The column inches generated by Kerry's Mass-going habits, and the tension created by his religious beliefs, reflects the finely balanced nature of the electorate. During Lent, Kerry had found himself on the campaign trail in Missouri, and was told in no uncertain terms by Archbishop Raymond Burke of St. Louis not to present himself for Communion unless he dropped his support of existing abortion laws. Rather than risk a confrontation at the altar-rail, Kerry went instead to a Baptist church.

Church divided

This sparked a national debate, and the issue of whether Kerry should be banned from receiving Communion divided America's bishops. A handful of them, including Bishop Michael Sheridan of Colorado, backed Burke, and said they would refuse Kerry Communion if he presented himself at the communion rail.
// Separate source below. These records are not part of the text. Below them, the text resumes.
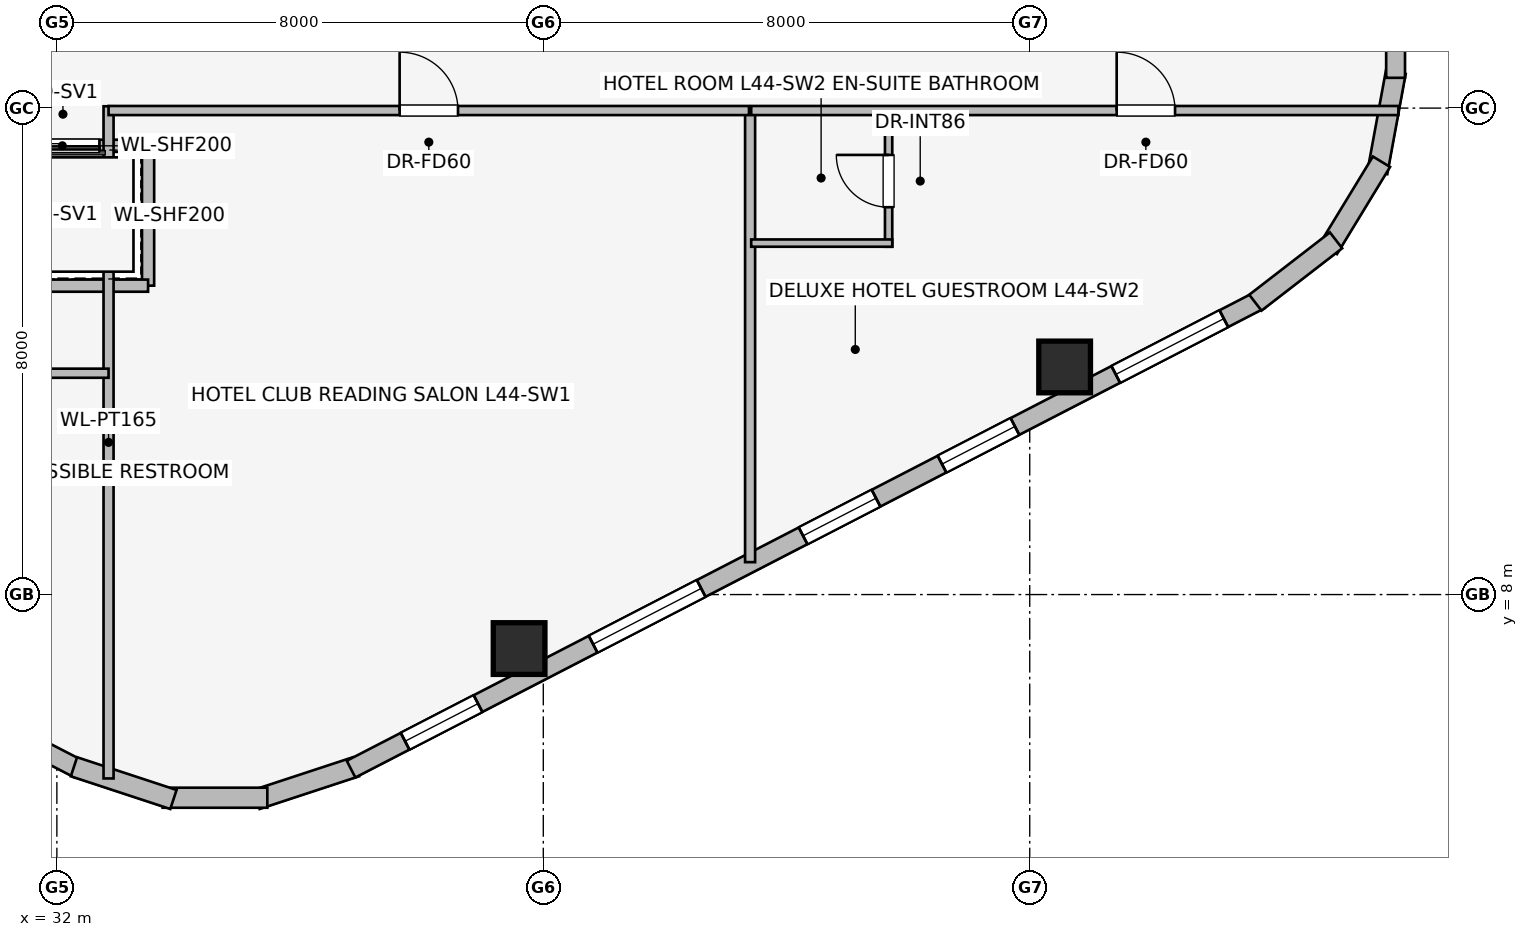
"""IFC4 building model, lengths in metres.
Left out: names, types, materials, properties, quantities, classifications, styles, units other than length and angle.
Written with IfcOpenShell. Run it as: python <this file> out.ifc"""

import sys

from ifc_helpers import new_model, si_unit, direction, frame, frame_2d, origin, origin_2d, place, context, subcontext, project, spatial, rectangle, extrude, element, fill, save


model = new_model("IFC4")
c1 = context("Model", 3, precision=1e-05, world=origin(), true_north=direction((0.0, 1.0)))
c2 = subcontext(c1, "Body", "Model", "MODEL_VIEW")
j1 = project(units=[si_unit("LENGTHUNIT", "METRE"), si_unit("PLANEANGLEUNIT", "RADIAN")], contexts=[c1])
p1 = place(None, origin())
s1 = spatial("IfcSite", under=j1, at=p1, CompositionType="ELEMENT")
p2 = place(p1, origin())
s2 = spatial("IfcBuilding", under=s1, at=p2, CompositionType="ELEMENT")
p3 = place(p2, frame((0.0, 0.0, 163.65)))
s3 = spatial("IfcBuildingStorey", under=s2, at=p3, CompositionType="ELEMENT", Elevation=163.65)
for number, where, z_axis, x_axis in (
    (1, (39.602, 7.112, 0.0), (0.0, 0.0, 1.0), (1.0, 0.0, 0.0)),
    (2, (48.574, 11.743, 0.0), (0.0, 0.0, 1.0), (1.0, 0.0, 0.0)),
):
    element("IfcColumn", number, at=place(p3, frame(where, z_axis=z_axis, x_axis=x_axis)), inside=s3, PredefinedType="COLUMN", context=c2, shape_type="SweptSolid", body=[
        extrude(rectangle(XDim=0.85, YDim=0.85, at=origin_2d()), origin(), (0.0, 0.0, 1.0), 3.45),
    ])
p4 = place(p3, frame((32.362, 5.129, 0.0), z_axis=(0.0, 0.0, 1.0), x_axis=(-0.888626188278, 0.458632202867, 0.0)))
e3 = element("IfcWall", 3, at=p4, inside=s3, PredefinedType="STANDARD", context=c2, shape_type="SweptSolid", body=[
    extrude(rectangle(XDim=16.828, YDim=0.31, at=frame_2d((8.414, 0.0))), origin(), (0.0, 0.0, 1.0), 3.19),
])
p5 = place(p4, frame((1.137, 0.0, 0.75)))
e4 = element("IfcOpeningElement", 4, at=p5, cuts=e3, PredefinedType="OPENING", context=c2, shape_type="SweptSolid", body=[
    extrude(rectangle(XDim=1.05, YDim=1.4, at=frame_2d((0.525, 0.7))), frame((0.0, 0.165, 0.0), z_axis=(0.0, -1.0, 0.0), x_axis=(1.0, 0.0, 0.0)), (0.0, 0.0, 1.0), 0.33),
])
p6 = place(p4, frame((4.768, 0.0, 0.75)))
e5 = element("IfcOpeningElement", 5, at=p6, cuts=e3, PredefinedType="OPENING", context=c2, shape_type="SweptSolid", body=[
    extrude(rectangle(XDim=1.35, YDim=1.45, at=frame_2d((0.675, 0.725))), frame((0.0, 0.165, 0.0), z_axis=(0.0, -1.0, 0.0), x_axis=(1.0, 0.0, 0.0)), (0.0, 0.0, 1.0), 0.33),
])
p7 = place(p4, frame((7.739, 0.0, 0.75)))
e6 = element("IfcOpeningElement", 6, at=p7, cuts=e3, PredefinedType="OPENING", context=c2, shape_type="SweptSolid", body=[
    extrude(rectangle(XDim=1.35, YDim=1.45, at=frame_2d((0.675, 0.725))), frame((0.0, 0.165, 0.0), z_axis=(0.0, -1.0, 0.0), x_axis=(1.0, 0.0, 0.0)), (0.0, 0.0, 1.0), 0.33),
])
p8 = place(p4, frame((10.71, 0.0, 0.75)))
e7 = element("IfcOpeningElement", 7, at=p8, cuts=e3, PredefinedType="OPENING", context=c2, shape_type="SweptSolid", body=[
    extrude(rectangle(XDim=1.35, YDim=1.45, at=frame_2d((0.675, 0.725))), frame((0.0, 0.165, 0.0), z_axis=(0.0, -1.0, 0.0), x_axis=(1.0, 0.0, 0.0)), (0.0, 0.0, 1.0), 0.33),
])
p9 = place(p4, frame((14.885, 0.0, 0.75)))
e8 = element("IfcOpeningElement", 8, at=p9, cuts=e3, PredefinedType="OPENING", context=c2, shape_type="SweptSolid", body=[
    extrude(rectangle(XDim=1.05, YDim=1.4, at=frame_2d((0.525, 0.7))), frame((0.0, 0.165, 0.0), z_axis=(0.0, -1.0, 0.0), x_axis=(1.0, 0.0, 0.0)), (0.0, 0.0, 1.0), 0.33),
])
p10 = place(p3, frame((36.919, 5.168, 0.0), z_axis=(0.0, 0.0, 1.0), x_axis=(-0.949937416267, -0.312440242569, 0.0)))
e9 = element("IfcWall", 9, at=p10, inside=s3, PredefinedType="STANDARD", context=c2, shape_type="SweptSolid", body=[
    extrude(rectangle(XDim=1.722, YDim=0.33, at=frame_2d((0.861, 0.0))), origin(), (0.0, 0.0, 1.0), 3.19),
])
p11 = place(p3, frame((35.461, 4.659, 0.0), z_axis=(0.0, 0.0, 1.0), x_axis=(-1.0, 0.0, 0.0)))
e10 = element("IfcWall", 10, at=p11, inside=s3, PredefinedType="STANDARD", context=c2, shape_type="SweptSolid", body=[
    extrude(rectangle(XDim=1.722, YDim=0.33, at=frame_2d((0.861, 0.0))), origin(), (0.0, 0.0, 1.0), 3.19),
])
p12 = place(p3, frame((33.917, 4.63, 0.0), z_axis=(0.0, 0.0, 1.0), x_axis=(-0.949937416267, 0.312440242569, 0.0)))
e11 = element("IfcWall", 11, at=p12, inside=s3, PredefinedType="STANDARD", context=c2, shape_type="SweptSolid", body=[
    extrude(rectangle(XDim=1.722, YDim=0.33, at=frame_2d((0.861, 0.0))), origin(), (0.0, 0.0, 1.0), 3.19),
])
p13 = place(p3, frame((51.792, 12.847, 0.0), z_axis=(0.0, 0.0, 1.0), x_axis=(-0.888626188278, -0.458632202867, 0.0)))
e12 = element("IfcWall", 12, at=p13, inside=s3, PredefinedType="STANDARD", context=c2, shape_type="SweptSolid", body=[
    extrude(rectangle(XDim=16.828, YDim=0.31, at=frame_2d((8.414, 0.0))), origin(), (0.0, 0.0, 1.0), 3.19),
])
p14 = place(p13, frame((0.675, 0.0, 0.75)))
e13 = element("IfcOpeningElement", 13, at=p14, cuts=e12, PredefinedType="OPENING", context=c2, shape_type="SweptSolid", body=[
    extrude(rectangle(XDim=2.0, YDim=1.5, at=frame_2d((1.0, 0.75))), frame((0.0, 0.165, 0.0), z_axis=(0.0, -1.0, 0.0), x_axis=(1.0, 0.0, 0.0)), (0.0, 0.0, 1.0), 0.33),
])
p15 = place(p13, frame((4.541, 0.0, 0.75)))
e14 = element("IfcOpeningElement", 14, at=p15, cuts=e12, PredefinedType="OPENING", context=c2, shape_type="SweptSolid", body=[
    extrude(rectangle(XDim=1.35, YDim=1.45, at=frame_2d((0.675, 0.725))), frame((0.0, 0.165, 0.0), z_axis=(0.0, -1.0, 0.0), x_axis=(1.0, 0.0, 0.0)), (0.0, 0.0, 1.0), 0.33),
])
p16 = place(p13, frame((7.112, 0.0, 0.75)))
e15 = element("IfcOpeningElement", 15, at=p16, cuts=e12, PredefinedType="OPENING", context=c2, shape_type="SweptSolid", body=[
    extrude(rectangle(XDim=1.35, YDim=1.45, at=frame_2d((0.675, 0.725))), frame((0.0, 0.165, 0.0), z_axis=(0.0, -1.0, 0.0), x_axis=(1.0, 0.0, 0.0)), (0.0, 0.0, 1.0), 0.33),
])
p17 = place(p13, frame((10.348, 0.0, 0.75)))
e16 = element("IfcOpeningElement", 16, at=p17, cuts=e12, PredefinedType="OPENING", context=c2, shape_type="SweptSolid", body=[
    extrude(rectangle(XDim=2.0, YDim=1.5, at=frame_2d((1.0, 0.75))), frame((0.0, 0.165, 0.0), z_axis=(0.0, -1.0, 0.0), x_axis=(1.0, 0.0, 0.0)), (0.0, 0.0, 1.0), 0.33),
])
p18 = place(p13, frame((14.478, 0.0, 0.75)))
e17 = element("IfcOpeningElement", 17, at=p18, cuts=e12, PredefinedType="OPENING", context=c2, shape_type="SweptSolid", body=[
    extrude(rectangle(XDim=1.35, YDim=1.45, at=frame_2d((0.675, 0.725))), frame((0.0, 0.165, 0.0), z_axis=(0.0, -1.0, 0.0), x_axis=(1.0, 0.0, 0.0)), (0.0, 0.0, 1.0), 0.33),
])
p19 = place(p3, frame((54.021, 16.592, 0.0), z_axis=(0.0, 0.0, 1.0), x_axis=(-0.180717642671, -0.983535019014, 0.0)))
e18 = element("IfcWall", 18, at=p19, inside=s3, PredefinedType="STANDARD", context=c2, shape_type="SweptSolid", body=[
    extrude(rectangle(XDim=1.677, YDim=0.33, at=frame_2d((0.838, 0.0))), origin(), (0.0, 0.0, 1.0), 3.19),
])
p20 = place(p3, frame((53.785, 15.118, 0.0), z_axis=(0.0, 0.0, 1.0), x_axis=(-0.520219286058, -0.85403272444, 0.0)))
e19 = element("IfcWall", 19, at=p20, inside=s3, PredefinedType="STANDARD", context=c2, shape_type="SweptSolid", body=[
    extrude(rectangle(XDim=1.678, YDim=0.33, at=frame_2d((0.839, 0.0))), origin(), (0.0, 0.0, 1.0), 3.19),
])
p21 = place(p3, frame((53.038, 13.825, 0.0), z_axis=(0.0, 0.0, 1.0), x_axis=(-0.791464279355, -0.611215423976, 0.0)))
e20 = element("IfcWall", 20, at=p21, inside=s3, PredefinedType="STANDARD", context=c2, shape_type="SweptSolid", body=[
    extrude(rectangle(XDim=1.677, YDim=0.33, at=frame_2d((0.838, 0.0))), origin(), (0.0, 0.0, 1.0), 3.19),
])
p22 = place(p3, frame((54.017, 31.502, 0.0), z_axis=(0.0, 0.0, 1.0), x_axis=(0.0, -1.0, 0.0)))
e21 = element("IfcWall", 21, at=p22, inside=s3, PredefinedType="STANDARD", context=c2, shape_type="SweptSolid", body=[
    extrude(rectangle(XDim=15.004, YDim=0.31, at=frame_2d((7.502, 0.0))), origin(), (0.0, 0.0, 1.0), 3.19),
])
p23 = place(p22, frame((4.353, 0.0, 0.75)))
e22 = element("IfcOpeningElement", 22, at=p23, cuts=e21, PredefinedType="OPENING", context=c2, shape_type="SweptSolid", body=[
    extrude(rectangle(XDim=2.0, YDim=1.5, at=frame_2d((1.0, 0.75))), frame((0.0, 0.165, 0.0), z_axis=(0.0, -1.0, 0.0), x_axis=(1.0, 0.0, 0.0)), (0.0, 0.0, 1.0), 0.33),
])
p24 = place(p22, frame((8.083, 0.0, 0.75)))
e23 = element("IfcOpeningElement", 23, at=p24, cuts=e21, PredefinedType="OPENING", context=c2, shape_type="SweptSolid", body=[
    extrude(rectangle(XDim=1.35, YDim=1.45, at=frame_2d((0.675, 0.725))), frame((0.0, 0.165, 0.0), z_axis=(0.0, -1.0, 0.0), x_axis=(1.0, 0.0, 0.0)), (0.0, 0.0, 1.0), 0.33),
])
p25 = place(p22, frame((9.87, 0.0, 0.75)))
e24 = element("IfcOpeningElement", 24, at=p25, cuts=e21, PredefinedType="OPENING", context=c2, shape_type="SweptSolid", body=[
    extrude(rectangle(XDim=1.35, YDim=1.45, at=frame_2d((0.675, 0.725))), frame((0.0, 0.165, 0.0), z_axis=(0.0, -1.0, 0.0), x_axis=(1.0, 0.0, 0.0)), (0.0, 0.0, 1.0), 0.33),
])
p26 = place(p3, frame((33.5, 15.38, 0.0), z_axis=(0.0, 0.0, 1.0), x_axis=(-1.0, 0.0, 0.0)))
e25 = element("IfcWall", 25, at=p26, inside=s3, PredefinedType="PARTITIONING", context=c2, shape_type="SweptSolid", body=[
    extrude(rectangle(XDim=2.82, YDim=0.2, at=frame_2d((1.41, 0.0))), origin(), (0.0, 0.0, 1.0), 3.19),
])
p27 = place(p26, frame((0.8, 0.0, 0.0)))
e26 = element("IfcOpeningElement", 26, at=p27, cuts=e25, PredefinedType="OPENING", context=c2, shape_type="SweptSolid", body=[
    extrude(rectangle(XDim=1.2, YDim=2.2, at=frame_2d((0.6, 1.1))), frame((0.0, 0.11, 0.0), z_axis=(0.0, -1.0, 0.0), x_axis=(1.0, 0.0, 0.0)), (0.0, 0.0, 1.0), 0.22),
])
p28 = place(p3, frame((33.5, 13.08, 0.0), z_axis=(0.0, 0.0, 1.0), x_axis=(0.0, 1.0, 0.0)))
e27 = element("IfcWall", 27, at=p28, inside=s3, PredefinedType="PARTITIONING", context=c2, shape_type="SweptSolid", body=[
    extrude(rectangle(XDim=2.3, YDim=0.2, at=frame_2d((1.15, 0.0))), origin(), (0.0, 0.0, 1.0), 3.19),
])
p29 = place(p3, frame((30.879, 13.08, 0.0), z_axis=(0.0, 0.0, 1.0), x_axis=(1.0, 0.0, 0.0)))
e28 = element("IfcWall", 28, at=p29, inside=s3, PredefinedType="PARTITIONING", context=c2, shape_type="SweptSolid", body=[
    extrude(rectangle(XDim=2.621, YDim=0.2, at=frame_2d((1.311, 0.0))), origin(), (0.0, 0.0, 1.0), 3.19),
])
p30 = place(p3, frame((32.85, 4.976, 0.0), z_axis=(0.0, 0.0, 1.0), x_axis=(0.0, 1.0, 0.0)))
e29 = element("IfcWall", 29, at=p30, inside=s3, PredefinedType="PARTITIONING", context=c2, shape_type="SweptSolid", body=[
    extrude(rectangle(XDim=11.054, YDim=0.165, at=frame_2d((5.527, 0.0))), origin(), (0.0, 0.0, 1.0), 3.19),
])
p31 = place(p3, frame((19.757, 11.64, 0.0), z_axis=(0.0, 0.0, 1.0), x_axis=(1.0, 0.0, 0.0)))
e30 = element("IfcWall", 30, at=p31, inside=s3, PredefinedType="PARTITIONING", context=c2, shape_type="SweptSolid", body=[
    extrude(rectangle(XDim=13.093, YDim=0.15, at=frame_2d((6.546, 0.0))), origin(), (0.0, 0.0, 1.0), 3.19),
])
p32 = place(p31, frame((3.243, 0.0, 0.0)))
e31 = element("IfcOpeningElement", 31, at=p32, cuts=e30, PredefinedType="OPENING", context=c2, shape_type="SweptSolid", body=[
    extrude(rectangle(XDim=0.9, YDim=2.0, at=frame_2d((0.45, 1.0))), frame((0.0, 0.085, 0.0), z_axis=(0.0, -1.0, 0.0), x_axis=(1.0, 0.0, 0.0)), (0.0, 0.0, 1.0), 0.17),
])
p33 = place(p3, frame((43.401, 8.533, 0.0), z_axis=(0.0, 0.0, 1.0), x_axis=(0.0, 1.0, 0.0)))
e32 = element("IfcWall", 32, at=p33, inside=s3, PredefinedType="PARTITIONING", context=c2, shape_type="SweptSolid", body=[
    extrude(rectangle(XDim=7.397, YDim=0.165, at=frame_2d((3.698, 0.0))), origin(), (0.0, 0.0, 1.0), 3.19),
])
p34 = place(p3, frame((32.85, 15.96, 0.0), z_axis=(0.0, 0.0, 1.0), x_axis=(1.0, 0.0, 0.0)))
e33 = element("IfcWall", 33, at=p34, inside=s3, PredefinedType="PARTITIONING", context=c2, shape_type="SweptSolid", body=[
    extrude(rectangle(XDim=10.533, YDim=0.15, at=frame_2d((5.267, 0.0))), origin(), (0.0, 0.0, 1.0), 3.19),
])
p35 = place(p34, frame((4.787, 0.0, 0.0)))
e34 = element("IfcOpeningElement", 34, at=p35, cuts=e33, PredefinedType="OPENING", context=c2, shape_type="SweptSolid", body=[
    extrude(rectangle(XDim=0.96, YDim=2.0, at=frame_2d((0.48, 1.0))), frame((0.0, 0.085, 0.0), z_axis=(0.0, -1.0, 0.0), x_axis=(1.0, 0.0, 0.0)), (0.0, 0.0, 1.0), 0.17),
])
p36 = place(p3, frame((45.679, 13.72, 0.0), z_axis=(0.0, 0.0, 1.0), x_axis=(0.0, 1.0, 0.0)))
e35 = element("IfcWall", 35, at=p36, inside=s3, PredefinedType="PARTITIONING", context=c2, shape_type="SweptSolid", body=[
    extrude(rectangle(XDim=2.24, YDim=0.12, at=frame_2d((1.12, 0.0))), origin(), (0.0, 0.0, 1.0), 3.19),
])
p37 = place(p36, frame((0.65, 0.0, 0.0)))
e36 = element("IfcOpeningElement", 36, at=p37, cuts=e35, PredefinedType="OPENING", context=c2, shape_type="SweptSolid", body=[
    extrude(rectangle(XDim=0.86, YDim=2.0, at=frame_2d((0.43, 1.0))), frame((0.0, 0.07, 0.0), z_axis=(0.0, -1.0, 0.0), x_axis=(1.0, 0.0, 0.0)), (0.0, 0.0, 1.0), 0.14),
])
p38 = place(p3, frame((43.419, 13.78, 0.0), z_axis=(0.0, 0.0, 1.0), x_axis=(1.0, 0.0, 0.0)))
e37 = element("IfcWall", 37, at=p38, inside=s3, PredefinedType="PARTITIONING", context=c2, shape_type="SweptSolid", body=[
    extrude(rectangle(XDim=2.32, YDim=0.12, at=frame_2d((1.16, 0.0))), origin(), (0.0, 0.0, 1.0), 3.19),
])
p39 = place(p3, frame((43.419, 15.96, 0.0), z_axis=(0.0, 0.0, 1.0), x_axis=(1.0, 0.0, 0.0)))
e38 = element("IfcWall", 38, at=p39, inside=s3, PredefinedType="PARTITIONING", context=c2, shape_type="SweptSolid", body=[
    extrude(rectangle(XDim=10.644, YDim=0.15, at=frame_2d((5.322, 0.0))), origin(), (0.0, 0.0, 1.0), 3.19),
])
p40 = place(p39, frame((6.011, 0.0, 0.0)))
e39 = element("IfcOpeningElement", 39, at=p40, cuts=e38, PredefinedType="OPENING", context=c2, shape_type="SweptSolid", body=[
    extrude(rectangle(XDim=0.96, YDim=2.0, at=frame_2d((0.48, 1.0))), frame((0.0, 0.085, 0.0), z_axis=(0.0, -1.0, 0.0), x_axis=(1.0, 0.0, 0.0)), (0.0, 0.0, 1.0), 0.17),
])
p41 = place(p14, origin())
e40 = element("IfcWindow", 40, at=p41, inside=s3, PartitioningType="SINGLE_PANEL", PredefinedType="WINDOW", context=c2, shape_type="SweptSolid", body=[
    extrude(rectangle(XDim=2.0, YDim=1.5, at=frame_2d((1.0, 0.75))), frame((0.0, 0.03, 0.0), z_axis=(0.0, -1.0, 0.0), x_axis=(1.0, 0.0, 0.0)), (0.0, 0.0, 1.0), 0.06),
])
fill(e13, e40)
p42 = place(p15, origin())
e41 = element("IfcWindow", 41, at=p42, inside=s3, PartitioningType="SINGLE_PANEL", PredefinedType="WINDOW", context=c2, shape_type="SweptSolid", body=[
    extrude(rectangle(XDim=1.35, YDim=1.45, at=frame_2d((0.675, 0.725))), frame((0.0, 0.03, 0.0), z_axis=(0.0, -1.0, 0.0), x_axis=(1.0, 0.0, 0.0)), (0.0, 0.0, 1.0), 0.06),
])
fill(e14, e41)
p43 = place(p16, origin())
e42 = element("IfcWindow", 42, at=p43, inside=s3, PartitioningType="SINGLE_PANEL", PredefinedType="WINDOW", context=c2, shape_type="SweptSolid", body=[
    extrude(rectangle(XDim=1.35, YDim=1.45, at=frame_2d((0.675, 0.725))), frame((0.0, 0.03, 0.0), z_axis=(0.0, -1.0, 0.0), x_axis=(1.0, 0.0, 0.0)), (0.0, 0.0, 1.0), 0.06),
])
fill(e15, e42)
p44 = place(p17, origin())
e43 = element("IfcWindow", 43, at=p44, inside=s3, PartitioningType="SINGLE_PANEL", PredefinedType="WINDOW", context=c2, shape_type="SweptSolid", body=[
    extrude(rectangle(XDim=2.0, YDim=1.5, at=frame_2d((1.0, 0.75))), frame((0.0, 0.03, 0.0), z_axis=(0.0, -1.0, 0.0), x_axis=(1.0, 0.0, 0.0)), (0.0, 0.0, 1.0), 0.06),
])
fill(e16, e43)
p45 = place(p18, origin())
e44 = element("IfcWindow", 44, at=p45, inside=s3, PartitioningType="SINGLE_PANEL", PredefinedType="WINDOW", context=c2, shape_type="SweptSolid", body=[
    extrude(rectangle(XDim=1.35, YDim=1.45, at=frame_2d((0.675, 0.725))), frame((0.0, 0.03, 0.0), z_axis=(0.0, -1.0, 0.0), x_axis=(1.0, 0.0, 0.0)), (0.0, 0.0, 1.0), 0.06),
])
fill(e17, e44)
p46 = place(p27, origin())
e45 = element("IfcDoor", 45, at=p46, inside=s3, OperationType="SLIDING_TO_RIGHT", PredefinedType="DOOR", context=c2, shape_type="SweptSolid", body=[
    extrude(rectangle(XDim=1.2, YDim=2.2, at=frame_2d((0.6, 1.1))), frame((0.0, 0.025, 0.0), z_axis=(0.0, -1.0, 0.0), x_axis=(1.0, 0.0, 0.0)), (0.0, 0.0, 1.0), 0.05),
])
fill(e26, e45)
p47 = place(p35, origin())
e46 = element("IfcDoor", 46, at=p47, inside=s3, OperationType="SINGLE_SWING_LEFT", PredefinedType="DOOR", context=c2, shape_type="SweptSolid", body=[
    extrude(rectangle(XDim=0.96, YDim=2.0, at=frame_2d((0.48, 1.0))), frame((0.0, 0.025, 0.0), z_axis=(0.0, -1.0, 0.0), x_axis=(1.0, 0.0, 0.0)), (0.0, 0.0, 1.0), 0.05),
])
fill(e34, e46)
p48 = place(p37, origin())
e47 = element("IfcDoor", 47, at=p48, inside=s3, OperationType="SINGLE_SWING_RIGHT", PredefinedType="DOOR", context=c2, shape_type="SweptSolid", body=[
    extrude(rectangle(XDim=0.86, YDim=2.0, at=frame_2d((0.43, 1.0))), frame((0.0, 0.025, 0.0), z_axis=(0.0, -1.0, 0.0), x_axis=(1.0, 0.0, 0.0)), (0.0, 0.0, 1.0), 0.05),
])
fill(e36, e47)
p49 = place(p40, origin())
e48 = element("IfcDoor", 48, at=p49, inside=s3, OperationType="SINGLE_SWING_LEFT", PredefinedType="DOOR", context=c2, shape_type="SweptSolid", body=[
    extrude(rectangle(XDim=0.96, YDim=2.0, at=frame_2d((0.48, 1.0))), frame((0.0, 0.025, 0.0), z_axis=(0.0, -1.0, 0.0), x_axis=(1.0, 0.0, 0.0)), (0.0, 0.0, 1.0), 0.05),
])
fill(e39, e48)
save(model, sys.argv[1])

But the majority, including Cardinals Theodore McCarrick of Washington DC, and Roger Mahony of Los Angeles, said they were uncomfortable with such Eucharistic sanctions. They were concerned that such drastic measures exposed the Church to charges of political interference.
Cardinal McCarrick, who heads a committee of bishops set up to look into the receiving of Communion by pro-abortion politicians, discussed the issue at a USCCB meeting in Denver in June. He voiced concerns that the sacred nature of the Eucharist might be turned into a partisan political battle-ground. Those battles, he said, should be fought not at the communion rail, but in the public square, in hearts and minds, in our pulpits and public advocacy, in our consciences and communities.
Having consulted with the prefect of the Congregation of the Doctrine of the Faith, Cardinal Joseph Ratzinger, the bishops agreed to a compromise, and adopted Catholics in Political Life by a massive majority of 183-6. This made clear that the decision to refuse Communion to politicians who consistently defy Catholic teaching in their voting records rested with the individual bishop in accord with established canonical and pastoral principles. Tellingly, it blamed the bitter election campaign for this irresolution, since the polarising tendencies of election-year politics can lead to circumstances in which Catholic teaching and sacramental practice can be misused for political ends.
The USCCB stance showed their determination not to allow the question of Communion bars on politicians to become an issue in next month's presidential elections. But some of the conservative bishops were not content to let the issue lie. Burke, well-known in Rome, and seen as one of the rising stars of the US Church, wrote a pastoral letter telling Catholic voters that to support a dissenting politician amounts to committing a mortal sin. Catholics who support such pro-abortion candidates participate in a grave evil, he said. They must show a change of heart, and be sacramentally reconciled or refrain from receiving Holy Communion. Burke's remarks go further than Ratzinger's memorandum, which states that when a Catholic does not share a candidate's stand in favour of abortion, but votes for that candidate for other reasons, this can be permitted in the presence of proportionate reasons.
Missouri, where Burke's diocese is based, is a swing state, and both parties responded vigorously to the archbishop's hardening position. The state's Republican chairwoman, Ann Wagner, said, As a Catholic, I have great respect for the way he is attempting to lead his Catholic flock; I admire his conviction and his clarity. William Lacy Clay Jr., St Louis Congressman and also a Catholic, objected that Burke has crossed the line, adding, That's unfortunate for him, as well as for the Church. It is not certain how Catholic voters will respond to Burke's outspoken position. One thing that is certain about next month's presidential elections, though, is that there will be plenty more accusations of key figures crossing the line between religion and politics.